Final weights for six hand-crafted features in CEM method. This gives good intuition how each feature plays role.

Hyperparameters:

CEM
- weight_cols = 6 # because of six hand-crafted features
- mean = zeros of size weight_cols # Initialization
- cov = Identity matrix of size weight_cols * 100
- percentile = 0.3 # for elite sample consideration
- r_percentile = 0.1
- batch_size = 20 # number of players
- episodes = 40 # number of episodes each player plays
- episodes_end = 10 (varying episodes concept)
- maxits = 100
DQN
- learning rate = 1e-4
- batch_size = 32
- gamma = 0.99 # discount factor in reward computation
PG
- batch_size = 10 # episodes frequency for parameter update
- learning_rate = 1e-3
- gamma = 0.99 # discount factor in reward computation
- decay_rate = 0.99 # decay factor for RMSProp

Evaluation and Results

This can be considered as tesing step. In RL, especially when building AI player, the performance that we obtain during training phase is very much in-line with testing as the player actually evaluate itself during training.

Metric: Average reward over 20 episodes(after ~36 hours training)

Method	Average reward over 20 episodes	Maximum reward among 20 episodes	Win Probability
Noisy Cross Entropy Method	4.75	14	0.6131
Deep Q-Networks	-17.24	-13.65	0.089
Policy Gradient Method	2.3	9	0.5547

Agent performance over 20 episodes (Green indicates win and red indicates lose)

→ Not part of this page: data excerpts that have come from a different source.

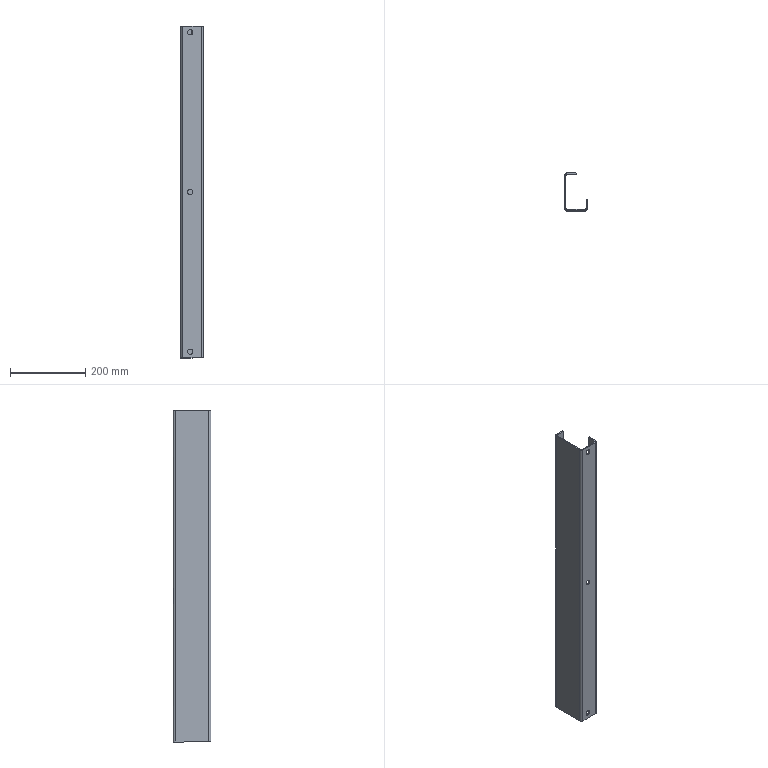Component | SolidWorks | BottomBeamAssembly-1_BottomBeam-1 | 1 solid | 50 faces | volume 538946 mm3 | plane 30 | cylinder 20 | commonest cylinder face diameters 11 x8 14 x6 6 x3 12 x3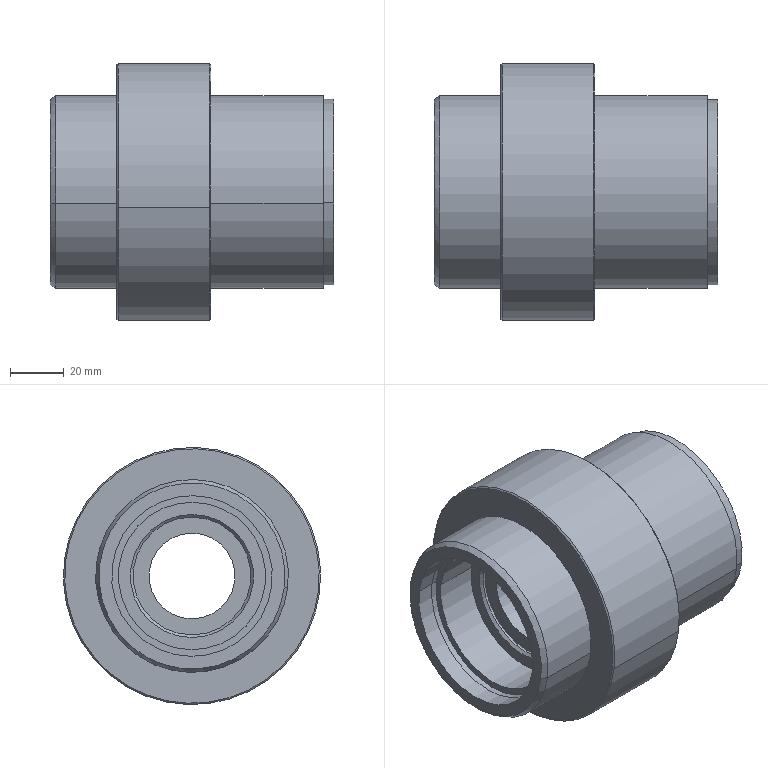Component | SolidWorks | 216InnerTubeAssembly-1_BearingSeat1-1 | 1 solid | 46 faces | box 106 x 96 x 96 mm | volume 363789 mm3 | cylinder 24 | plane 12 | cone 10 | commonest cylinder face diameters 72 x4 32 x4 60.01 x2 69.476 x2 56 x2 39 x2 44 x2 55 x2 | material Alloy Steel
build123d program:
from build123d import *

# Parameters (mm, degrees)
SKETCH1_W = 2.281
SKETCH1_H = 3.005


with BuildPart() as part:
    # Model → Revolve1 (revolve)
    with BuildSketch(Plane.XY, mode=Mode.PRIVATE) as revolve1_sk:
        Polygon((25, 23), (26, 22), (27, 22), (27, 16), (37, 16), (37, 19.5), (42.4, 19.5), (42.4, 16), (79, 16), (79, 28), (105, 28), (106, 29), (106, 34.738), (102, 34.738), (102, 36), (60, 36), (60, 47.5), (59.5, 48), (24.5, 48), (24, 47.5), (24, 36), (2.214, 36), (0, 34.722), (0, 30), (8, 30), (8, 27.5), (25, 27.5), (25, 27.361), align=None)
    revolve(revolve1_sk.sketch.rotate(Axis((-3.526, 0, 0), (1, 0, 0)), 180), axis=Axis((-3.526, 0, 0), (1, 0, 0)))

    # Sketch1 → Cut-Revolve1 (revolve, cut)
    with BuildSketch(Plane.XY, mode=Mode.PRIVATE) as cut_revolve1_sk:
        with Locations((7.863, 28.503)):
            Rectangle(SKETCH1_W, SKETCH1_H)
    revolve(cut_revolve1_sk.sketch.rotate(Axis((1.722, 0, 0), (1, 0, 0)), 180), axis=Axis((1.722, 0, 0), (1, 0, 0)), mode=Mode.SUBTRACT)

    # Sketch2 → Cut-Revolve2 (revolve, cut)
    with BuildSketch(Plane.XY, mode=Mode.PRIVATE) as cut_revolve2_sk:
        Polygon((23.522, 36), (25.006, 36), (25.006, 47.5), (25.506, 48), (25.506, 48.6), (23.522, 48.6), align=None)
    revolve(cut_revolve2_sk.sketch.rotate(Axis((18.522, 0, 0), (1, 0, 0)), 180), axis=Axis((18.522, 0, 0), (1, 0, 0)), mode=Mode.SUBTRACT)


solid = part.part

# Placed as in the assembly
solid = solid.moved(Location((895.278, 0, 0), (0, 0, 0)))

Cross Entropy Method	DQN	Policy Gradient Method

Finally, let’s see how our agent plays at different points during training (CEM):

Right (Green) - Trained agent
Left (Orange) - Hard-coded player

`0` hours	`12` hours	`36` hours

Demo:

High resolution video demonstration here

Best Player - Noisy Cross Entropy Method

Difficulties faced

In CEM, we need to simulate into future action and decide if it’s best. So, there was an error in random sampling during cloning and restoring states. This resulting in agent not playing the complete episode sometimes.
A couple of times, found few bugs in the script during the model training. This led to losing descent amount of learning time.